Shard sizing and performance with preference=_primary_first

Hi All,

I experience slow search performance on a quite large index (we talk about 5-10 seconds for a simple term query on a long field with returns ~10k docs).

First of all some details about my cluster:

  • Elasticsearch version: 2.2.0
  • 4 nodes with 64GB RAM (30GB heap) and 24 cores each
  • Storage: RAID 10 spinning disks (ye ... I know its not ideal)
  • Index:
    • ~ 2,000,000,000 docs
    • overall size is 500GB
    • 4 Shards (replication = 1 - see below)
  • Search volume is quite low but with a lot of aggregations and performance matters a lot

I initially tried 2 shards and 1 replica but the search performance was not that great. I guess that's because I then utilize only two of my 4 nodes with every query I run (which than have to search a 250GB segment).

Now I tried to do the following in order to get better utilization of resources across all 4 nodes:

  • 4 shards to have one primary shard on each node
  • run every search request with preference=_primary_first because I only wanted to have the replicas for failover.
    I already learned that ES does not balance primary shards (only overall shards) but I manually balanced them on the right nodes (with the relocate API) for the purpose of testing this.

So now I have one primary and one replica shard on every node.
When I run a search with preference=_primary_first it was still quite slow and I noticed using hot_threads that still two threads run searches on the same node.
Does the preference setting really work and is it intented to be used for such a case? Does someone have experience with that?

Now when I set the replication factor to 0 with 4 shards, I get great performance (500-3000ms uncached). Exactly what I need.
I could theoretically just run with 0 replication in Production because the data is already mirrored on the RAID.
Practically I don't think its a good idea because from time to time I run into GC issues and have to restart nodes.

Does anyone have an idea how I can achieve running single queries across all 4 nodes and still have failover replica shards in place?


Query and aggregation latency usually depend on the size of the shards, and it sounds like your shards may be too large. Each query is executed against all shards in parallel, but a single thread is used per query per shard. By having more smaller shards, you will be able to get more work done in parallel and better utilise the CPU cores you have at your disposal.

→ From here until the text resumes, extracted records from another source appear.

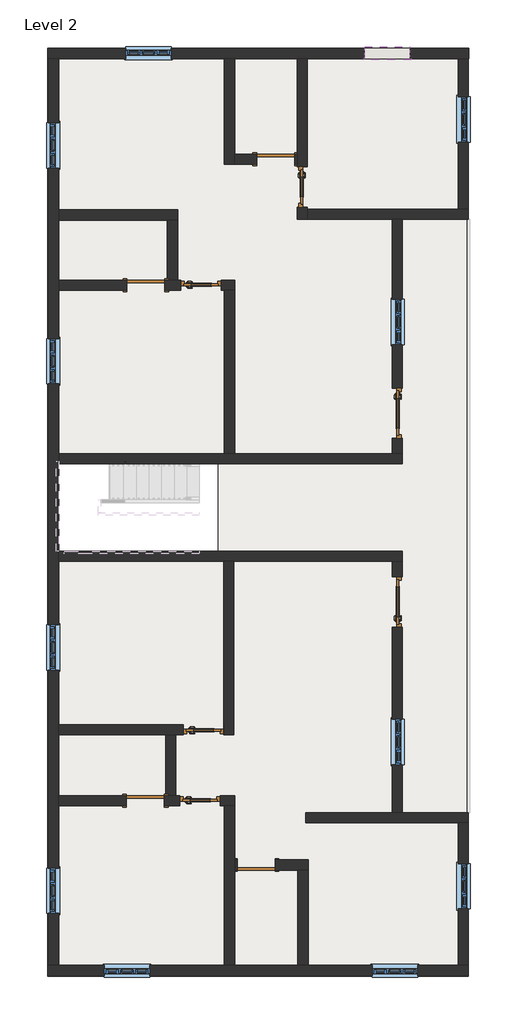
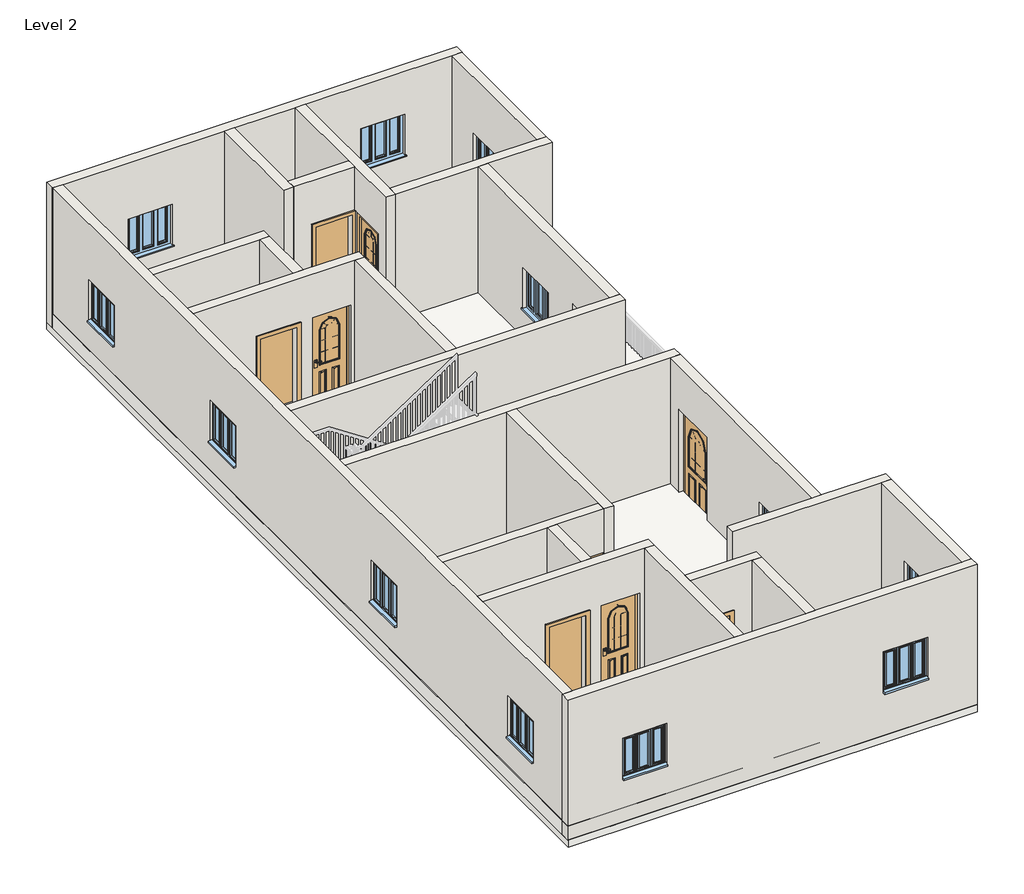
# One storey, part 1 of 3: 25 walls, 12 windows, 10 doors, 1 roof, 1 slab.
"""IFC4 building model written with IfcOpenShell, lengths in millimetres."""

from ifc_helpers import new_model, si_unit, frame, origin, place, context, project, spatial, polyline, outline, extrude, faceted_brep, transform, mapped, element, save
from components import doors_extsgl_w_glazing_bars_arched_1010x2110mm_bccdb1b2, doors_extsgl_w_glazing_bars_arched_1010x2110mm_5c897e1f, doors_extsgl_w_glazing_bars_arched_810x2110mm_57ea6d9e, doors_extsgl_w_glazing_bars_arched_810x2110mm_84a0a083, door_fadea3f2, windows_tpl_w_glazing_bars_910x910mm_9d987a72

model = new_model("IFC4")

# Units and contexts
model_context = context("Model", 3, world=origin())
ifc_project = project(units=[si_unit("LENGTHUNIT", "METRE", prefix="MILLI")], contexts=[model_context])

# Site, building, storey
site = spatial("IfcSite", under=ifc_project)
building = spatial("IfcBuilding", under=site)
storey = spatial("IfcBuildingStorey", under=building, Name="Level 2", Elevation=3048.0)

# Doors
placement = place(None, origin())
doors_extsgl_w_glazing_bars_arched_1010x2110mm_shape = doors_extsgl_w_glazing_bars_arched_1010x2110mm_bccdb1b2(model_context)
element("IfcDoor", 1, ObjectType="Doors_ExtSgl_w-Glazing_Bars_Arched : 1010x2110mm", at=placement, inside=storey, context=model_context, shape_type="MappedRepresentation", body=[
    mapped(doors_extsgl_w_glazing_bars_arched_1010x2110mm_shape, transform((1850.5605895, 2208.5797121, 3048.0), x_axis=(0.0, -1.0, 0.0), y_axis=(1.0, 0.0, 0.0), z_axis=(0.0, 0.0, 1.0))),
])
doors_extsgl_w_glazing_bars_arched_1010x2110mm_2_shape = doors_extsgl_w_glazing_bars_arched_1010x2110mm_5c897e1f(model_context)
element("IfcDoor", 2, ObjectType="Doors_ExtSgl_w-Glazing_Bars_Arched : 1010x2110mm", at=placement, inside=storey, context=model_context, shape_type="MappedRepresentation", body=[
    mapped(doors_extsgl_w_glazing_bars_arched_1010x2110mm_2_shape, transform((1850.5605895, -1576.0202879, 3048.0), x_axis=(0.0, 1.0, 0.0), y_axis=(-1.0, 0.0, 0.0), z_axis=(0.0, 0.0, 1.0))),
])
doors_extsgl_w_glazing_bars_arched_810x2110mm_shape = doors_extsgl_w_glazing_bars_arched_810x2110mm_57ea6d9e(model_context)
element("IfcDoor", 3, ObjectType="Doors_ExtSgl_w-Glazing_Bars_Arched : 810x2110mm", at=placement, inside=storey, context=model_context, shape_type="MappedRepresentation", body=[
    mapped(doors_extsgl_w_glazing_bars_arched_810x2110mm_shape, transform((-2086.4394105, 4773.9797121, 3048.0), x_axis=(1.0, 0.0, 0.0), y_axis=(0.0, 1.0, 0.0), z_axis=(0.0, 0.0, 1.0))),
])
element("IfcDoor", 4, ObjectType="Doors_ExtSgl_w-Glazing_Bars_Arched : 810x2110mm", at=placement, inside=storey, context=model_context, shape_type="MappedRepresentation", body=[
    mapped(doors_extsgl_w_glazing_bars_arched_810x2110mm_shape, transform((-2105.4894105, -5563.8202879, 3048.0), x_axis=(1.0, 0.0, 0.0), y_axis=(0.0, 1.0, 0.0), z_axis=(0.0, 0.0, 1.0))),
])
doors_extsgl_w_glazing_bars_arched_810x2110mm_2_shape = doors_extsgl_w_glazing_bars_arched_810x2110mm_84a0a083(model_context)
element("IfcDoor", 5, ObjectType="Doors_ExtSgl_w-Glazing_Bars_Arched : 810x2110mm", at=placement, inside=storey, context=model_context, shape_type="MappedRepresentation", body=[
    mapped(doors_extsgl_w_glazing_bars_arched_810x2110mm_2_shape, transform((-2035.6394105, -4141.4202879, 3048.0), x_axis=(1.0, 0.0, 0.0), y_axis=(0.0, 1.0, 0.0), z_axis=(0.0, 0.0, 1.0))),
])
element("IfcDoor", 6, ObjectType="Doors_ExtSgl_w-Glazing_Bars_Arched : 810x2110mm", at=placement, inside=storey, context=model_context, shape_type="MappedRepresentation", body=[
    mapped(doors_extsgl_w_glazing_bars_arched_810x2110mm_2_shape, transform((-54.4394105, 6748.5640518, 3048.0), x_axis=(0.0, -1.0, 0.0), y_axis=(1.0, 0.0, 0.0), z_axis=(0.0, 0.0, 1.0))),
])
door_shape = door_fadea3f2(model_context)
element("IfcDoor", 7, ObjectType="Single-Flush : 30\" x 80\"", at=placement, inside=storey, context=model_context, shape_type="MappedRepresentation", body=[
    mapped(door_shape, transform((-3204.0394105, -5563.8202879, 3048.0), x_axis=(1.0, 0.0, 0.0), y_axis=(0.0, 1.0, 0.0), z_axis=(0.0, 0.0, 1.0))),
])
element("IfcDoor", 8, ObjectType="Single-Flush : 30\" x 80\"", at=placement, inside=storey, context=model_context, shape_type="MappedRepresentation", body=[
    mapped(door_shape, transform((-981.5394105, -6850.9128362, 3048.0), x_axis=(-1.0, 0.0, 0.0), y_axis=(0.0, -1.0, 0.0), z_axis=(0.0, 0.0, 1.0))),
])
element("IfcDoor", 9, ObjectType="Single-Flush : 30\" x 80\"", at=placement, inside=storey, context=model_context, shape_type="MappedRepresentation", body=[
    mapped(door_shape, transform((-3191.3394105, 4773.9797121, 3048.0), x_axis=(1.0, 0.0, 0.0), y_axis=(0.0, 1.0, 0.0), z_axis=(0.0, 0.0, 1.0))),
])
element("IfcDoor", 10, ObjectType="Single-Flush : 30\" x 80\"", at=placement, inside=storey, context=model_context, shape_type="MappedRepresentation", body=[
    mapped(door_shape, transform((-587.8394105, 7301.2797121, 3048.0), x_axis=(1.0, 0.0, 0.0), y_axis=(0.0, 1.0, 0.0), z_axis=(0.0, 0.0, 1.0))),
])

# Roof
element("IfcRoof", 11, ObjectType="Generic - 12\"", at=placement, inside=storey, context=model_context, shape_type="SweptSolid", body=[
    extrude(outline(polyline([(3272.9605895, 9523.7797121), (3272.9605895, -9069.0202879), (-5159.8394105, -9069.0202879), (-5159.8394105, 9523.7797121), (3272.9605895, 9523.7797121)]), holes=[polyline([(-1756.1922756, 1192.5797121), (-4943.9394105, 1192.5797121), (-4943.9394105, -560.0202879), (-1756.1922756, -560.0202879), (-1756.1922756, 1192.5797121)])]), frame((0.0, 0.0, 3048.0), z_axis=(0.0, 0.0, 1.0), x_axis=(1.0, 0.0, 0.0)), (0.0, 0.0, 1.0), 304.8),
])

# Slab
element("IfcSlab", 12, ObjectType="Generic - 12\"", at=placement, inside=storey, context=model_context, shape_type="SweptSolid", body=[
    extrude(outline(polyline([(3272.9605895, 9523.7797121), (3272.9605895, -9081.7202879), (-5159.8394105, -9081.7202879), (-5159.8394105, 9523.7797121), (3272.9605895, 9523.7797121)]), holes=[polyline([(-1756.1922756, 1192.5797121), (-4943.9394105, 1192.5797121), (-4943.9394105, -560.0202879), (-1756.1922756, -560.0202879), (-1756.1922756, 1192.5797121)])]), frame((0.0, 0.0, 2895.6), z_axis=(0.0, 0.0, 1.0), x_axis=(1.0, 0.0, 0.0)), (0.0, 0.0, 1.0), 152.4),
])

# Walls
element("IfcWall", 13, ObjectType="Generic - 4.5\" p", at=placement, inside=storey, context=model_context, shape_type="Brep", body=[
    faceted_brep([(-2810.3394105, 4672.3797121, 5080.0), (-2810.3394105, 4672.3797121, 3048.0), (-2491.4394105, 4672.3797121, 3048.0), (-2491.4394105, 4672.3797121, 5158.0), (-1681.4394105, 4672.3797121, 5158.0), (-1681.4394105, 4672.3797121, 3048.0), (-1616.5394105, 4672.3797121, 3048.0), (-1413.3394105, 4672.3797121, 3048.0), (-1413.3394105, 4672.3797121, 6096.0), (-1616.5394105, 4672.3797121, 6096.0), (-4943.9394105, 4672.3797121, 6096.0), (-4943.9394105, 4672.3797121, 3048.0), (-3572.3394105, 4672.3797121, 3048.0), (-3572.3394105, 4672.3797121, 5080.0), (-2491.4394105, 4875.5797121, 3048.0), (-2556.3394105, 4875.5797121, 3048.0), (-2759.5394105, 4875.5797121, 3048.0), (-2810.3394105, 4875.5797121, 3048.0), (-2810.3394105, 4875.5797121, 5080.0), (-3572.3394105, 4875.5797121, 5080.0), (-3572.3394105, 4875.5797121, 3048.0), (-4943.9394105, 4875.5797121, 3048.0), (-4943.9394105, 4875.5797121, 6096.0), (-2759.5394105, 4875.5797121, 6096.0), (-2556.3394105, 4875.5797121, 6096.0), (-1413.3394105, 4875.5797121, 6096.0), (-1413.3394105, 4875.5797121, 3048.0), (-1681.4394105, 4875.5797121, 3048.0), (-1681.4394105, 4875.5797121, 5158.0), (-2491.4394105, 4875.5797121, 5158.0)], [[[0, 1, 2, 3, 4, 5, 6, 7, 8, 9, 10, 11, 12, 13]], [[14, 15, 16, 17, 18, 19, 20, 21, 22, 23, 24, 25, 26, 27, 28, 29]], [[7, 6, 5, 27, 26]], [[12, 11, 21, 20]], [[2, 1, 17, 16, 15, 14]], [[10, 9, 8, 25, 24, 23, 22]], [[11, 10, 22, 21]], [[8, 7, 26, 25]], [[14, 29, 3, 2]], [[28, 27, 5, 4]], [[29, 28, 4, 3]], [[18, 17, 1, 0]], [[19, 18, 0, 13]], [[20, 19, 13, 12]]]),
])
element("IfcWall", 14, ObjectType="Generic - 4.5\" p", at=placement, inside=storey, context=model_context, shape_type="SweptSolid", body=[
    extrude(outline(polyline([(-1616.5394105, 1395.7797121), (-1616.5394105, 4672.3797121), (-1413.3394105, 4672.3797121), (-1413.3394105, 1395.7797121), (-1616.5394105, 1395.7797121)])), frame((0.0, 0.0, 3048.0), z_axis=(0.0, 0.0, 1.0), x_axis=(1.0, 0.0, 0.0)), (0.0, 0.0, 1.0), 3048.0),
])
element("IfcWall", 15, ObjectType="Generic - 4.5\" p", at=placement, inside=storey, context=model_context, shape_type="Brep", body=[
    faceted_brep([(-4943.9394105, 6082.1542467, 3048.0), (-2759.5394105, 6082.1542467, 3048.0), (-2556.3394105, 6082.1542467, 3048.0), (-2556.3394105, 6082.1542467, 6096.0), (-2759.5394105, 6082.1542467, 6096.0), (-4943.9394105, 6082.1542467, 6096.0), (-4943.9394105, 6285.3542467, 3048.0), (-4943.9394105, 6285.3542467, 6096.0), (-2556.3394105, 6285.3542467, 6096.0), (-2556.3394105, 6285.3542467, 3048.0)], [[[0, 1, 2, 3, 4, 5]], [[6, 7, 8, 9]], [[2, 1, 0, 6, 9]], [[5, 4, 3, 8, 7]], [[0, 5, 7, 6]], [[3, 2, 9, 8]]]),
])
element("IfcWall", 16, ObjectType="Generic - 4.5\" p", at=placement, inside=storey, context=model_context, shape_type="SweptSolid", body=[
    extrude(outline(polyline([(-2759.5394105, 4875.5797121), (-2759.5394105, 6082.1542467), (-2556.3394105, 6082.1542467), (-2556.3394105, 4875.5797121), (-2759.5394105, 4875.5797121)])), frame((0.0, 0.0, 3048.0), z_axis=(0.0, 0.0, 1.0), x_axis=(1.0, 0.0, 0.0)), (0.0, 0.0, 1.0), 3048.0),
])
element("IfcWall", 17, ObjectType="Generic - 4.5\" p", at=placement, inside=storey, context=model_context, shape_type="Brep", body=[
    faceted_brep([(-1616.5394105, 9320.5797121, 3048.0), (-1616.5394105, 7199.6797121, 3048.0), (-1616.5394105, 7199.6797121, 6096.0), (-1616.5394105, 9320.5797121, 6096.0), (-1413.3394105, 9320.5797121, 3048.0), (-1413.3394105, 9320.5797121, 6096.0), (-1413.3394105, 7402.8797121, 6096.0), (-1413.3394105, 7199.6797121, 6096.0), (-1413.3394105, 7199.6797121, 3048.0), (-1413.3394105, 7402.8797121, 3048.0)], [[[0, 1, 2, 3]], [[4, 5, 6, 7, 8, 9]], [[1, 0, 4, 9, 8]], [[3, 2, 7, 6, 5]], [[0, 3, 5, 4]], [[2, 1, 8, 7]]]),
])
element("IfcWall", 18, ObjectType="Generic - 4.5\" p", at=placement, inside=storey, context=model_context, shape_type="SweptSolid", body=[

I generally recommend that you measure the latency of typical queries and aggregations against a single shard while step by step increasing the size of the shard by adding more data. This will show you how the latency varies with shard size and will allow you determine the ideal shard size. Then divide the expected size of the total data set by this to get the number of shards to use.

We often recommend that you keep the shard size below 50GB in size, as very large shards tend to affect recovery speed. The ideal size might however be lower than this.

Hi Christian,

thanks for the feedback.!
Will try to identify the ideal shard size with this approach.
Can I really do this with running the same set of queries over and over again?
The results are going to be manipulated by IO Buffering and Caching in ES or?

Anyway, let's say I end up with e.g. 16 shards in the "ideal" size.
This would be overall 32 shards (with replica of one).
That means 8 shards per node which could theoretically all be used by one single query.

Do you think that it's okay to run 8 lucene threads to do Disk IO concurrently on a spinning media RAID 10?
I always thought running Disk IO with too many concurrent threads would be counterproductive.

Also I find it hard to measure whether workload during queries is IO bound or CPU bound.
The lowest resolution that I can geht e.g. from iostat is one second (which it to high to measure queries that run 2-5 seconds).

8 shards per node is not very much. As there are a significant number of parameters that affect performance for a specific use case, the best way to find out is to benchmark.

Okay, thank you! I'll try with more shards and see what I get.
Looks like up to ~30GB Shard size I get good performance.

Running the same queries over and over may allow Elasticsearch to cache more than is realistic, so I would recommend generating queries based on parameters to get as close to realistic querying as possible.

Now I though I found my sweet spot with a shard size of 25-30GB.
I was constantly running uncached queries while loading up my index (simple term queries on y long field with sorting on a short fiel).
During indexing everything looked great. Had very good response times (500-1200ms) even up to shortly before the indexing finished.

I typically create my indices with 0 replication to later set it to 1 (on order to increase indexing throughput).
After I did that I am back on 2000-3500ms for the same queries.

When I change it back to 0, it's back town to 500-1200ms.

Is there some sort of query time overhead that comes with replication?